I used a LED Lenser M14 torch to light up this image, particularly the foreground and right up to the legs of the bridge, really is an amazingly compact and powerful torch. Canon 5DIII 24-70II at 24mm f2.8 30sec 100ISO torch was used for approx 15-20 secs and 2 vehicles conveniently crossed the bridge, as well as planes and boats moved throughout the exposure.
Just after sundown while waiting for the moon to rise.


----------



## Deva (Jun 6, 2013)

I think it's worked very well - I've tried the same thing myself, but only in my back garden - the orange glow is from the streetlights in the town about 2 miles away, the only light on the trees is from the LED Lenser P7 torch I was running around with for 20 seconds.


----------



## Deva (Jun 6, 2013)

Forgot to add - did the same with my 8-15mm and a dead eucalpytus tree at the same time - a lot more stars are visible in this one.


----------



## Click (Jun 6, 2013)

^^^ That's really cool.  I like the effect.


----------



## sunnyVan (Jun 6, 2013)

McTool said:


> I used a LED Lenser M14 torch to light up this image, particularly the foreground and right up to the legs of the bridge, really is an amazingly compact and powerful torch.
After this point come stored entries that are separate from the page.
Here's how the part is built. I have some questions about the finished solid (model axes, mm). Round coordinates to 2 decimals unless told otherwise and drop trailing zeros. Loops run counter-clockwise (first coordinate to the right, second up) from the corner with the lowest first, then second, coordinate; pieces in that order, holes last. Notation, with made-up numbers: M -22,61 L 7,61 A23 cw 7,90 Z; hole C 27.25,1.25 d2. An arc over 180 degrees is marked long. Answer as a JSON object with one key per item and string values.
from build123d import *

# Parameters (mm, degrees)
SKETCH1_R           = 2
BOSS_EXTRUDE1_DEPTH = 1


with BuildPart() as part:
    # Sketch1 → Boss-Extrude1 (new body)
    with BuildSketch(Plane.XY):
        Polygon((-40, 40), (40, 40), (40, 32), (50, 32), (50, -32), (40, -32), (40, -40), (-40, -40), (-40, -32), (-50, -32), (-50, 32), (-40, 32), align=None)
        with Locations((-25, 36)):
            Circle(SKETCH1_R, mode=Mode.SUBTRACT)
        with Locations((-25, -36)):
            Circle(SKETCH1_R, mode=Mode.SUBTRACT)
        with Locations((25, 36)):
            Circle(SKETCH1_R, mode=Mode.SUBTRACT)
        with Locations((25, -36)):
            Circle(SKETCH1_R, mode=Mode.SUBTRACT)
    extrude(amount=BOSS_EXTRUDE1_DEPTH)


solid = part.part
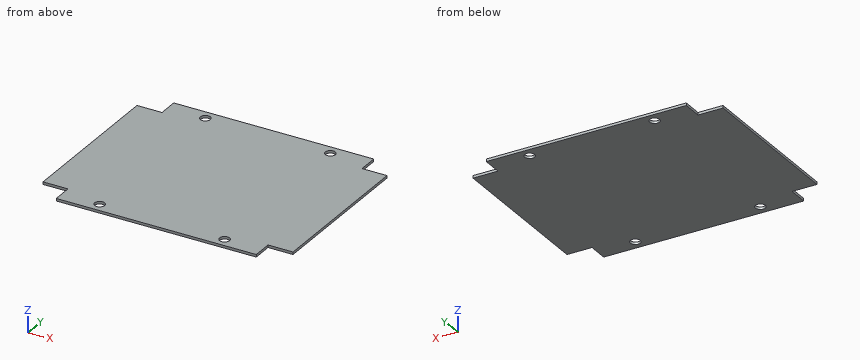
Item 1: I want a section at C-C on z = 0.5. List the corners of the cut face in (x, y) for me, plus the area to 3 significant figures.
Solution:
{"outline": "M -50,-32 L -40,-32 L -40,-40 L 40,-40 L 40,-32 L 50,-32 L 50,32 L 40,32 L 40,40 L -40,40 L -40,32 L -50,32 Z; hole C -25,-36 d4; hole C -25,36 d4; hole C 25,-36 d4; hole C 25,36 d4", "area": "7,630 mm2"}
Item 2: I want a section at B-B on y = 36. List the corners of the cut face in (x, z) for me.
Solution:
{"outline": "M -40,0 L -27,0 L -27,1 L -40,1 Z; M -23,0 L 23,0 L 23,1 L -23,1 Z; M 27,0 L 40,0 L 40,1 L 27,1 Z"}
Item 3: If I drill on L1, parallel to Y at x = 25, z = 0.5, over which ranges is the centre line in solid material (lowest first)? Write a range as from..to.
Solution:
{"L1": "y = -40..-38, -34..34, 38..40"}
Item 4: For P1, Ø0.5, axis at y = -36.5, z = 0.5, coming from the -X side; P2, Ø2.5, axis at x = -25, y = 36, coming from the -Z side, each with a flat end and sliding along its axis, tell me the tip position at first contact or that it passes through.
Solution:
{"P1": "stops at x = -40", "P2": "passes through"}
Item 5: I want a section at A-A on x = 25. List the corners of the cut face in (y, z) for me, plus the area to 3 significant figures.
Solution:
{"outline": "M -40,0 L -38,0 L -38,1 L -40,1 Z; M -34,0 L 34,0 L 34,1 L -34,1 Z; M 38,0 L 40,0 L 40,1 L 38,1 Z", "area": "72.0 mm2"}

Canon 5DIII 24-70II at 24mm f2.8 30sec 100ISO torch was used for approx 15-20 secs and 2 vehicles conveniently crossed the bridge, as well as planes and boats moved throughout the exposure.
> Just after sundown while waiting for the moon to rise.



Interesting. Thx for sharing.


----------



## bycostello (Jun 7, 2013)

nice images


----------



## Rienzphotoz (Jun 8, 2013)

Deva said:


> Forgot to add - did the same with my 8-15mm and a dead eucalpytus tree at the same time - a lot more stars are visible in this one.


Nice ... cleverly done!


----------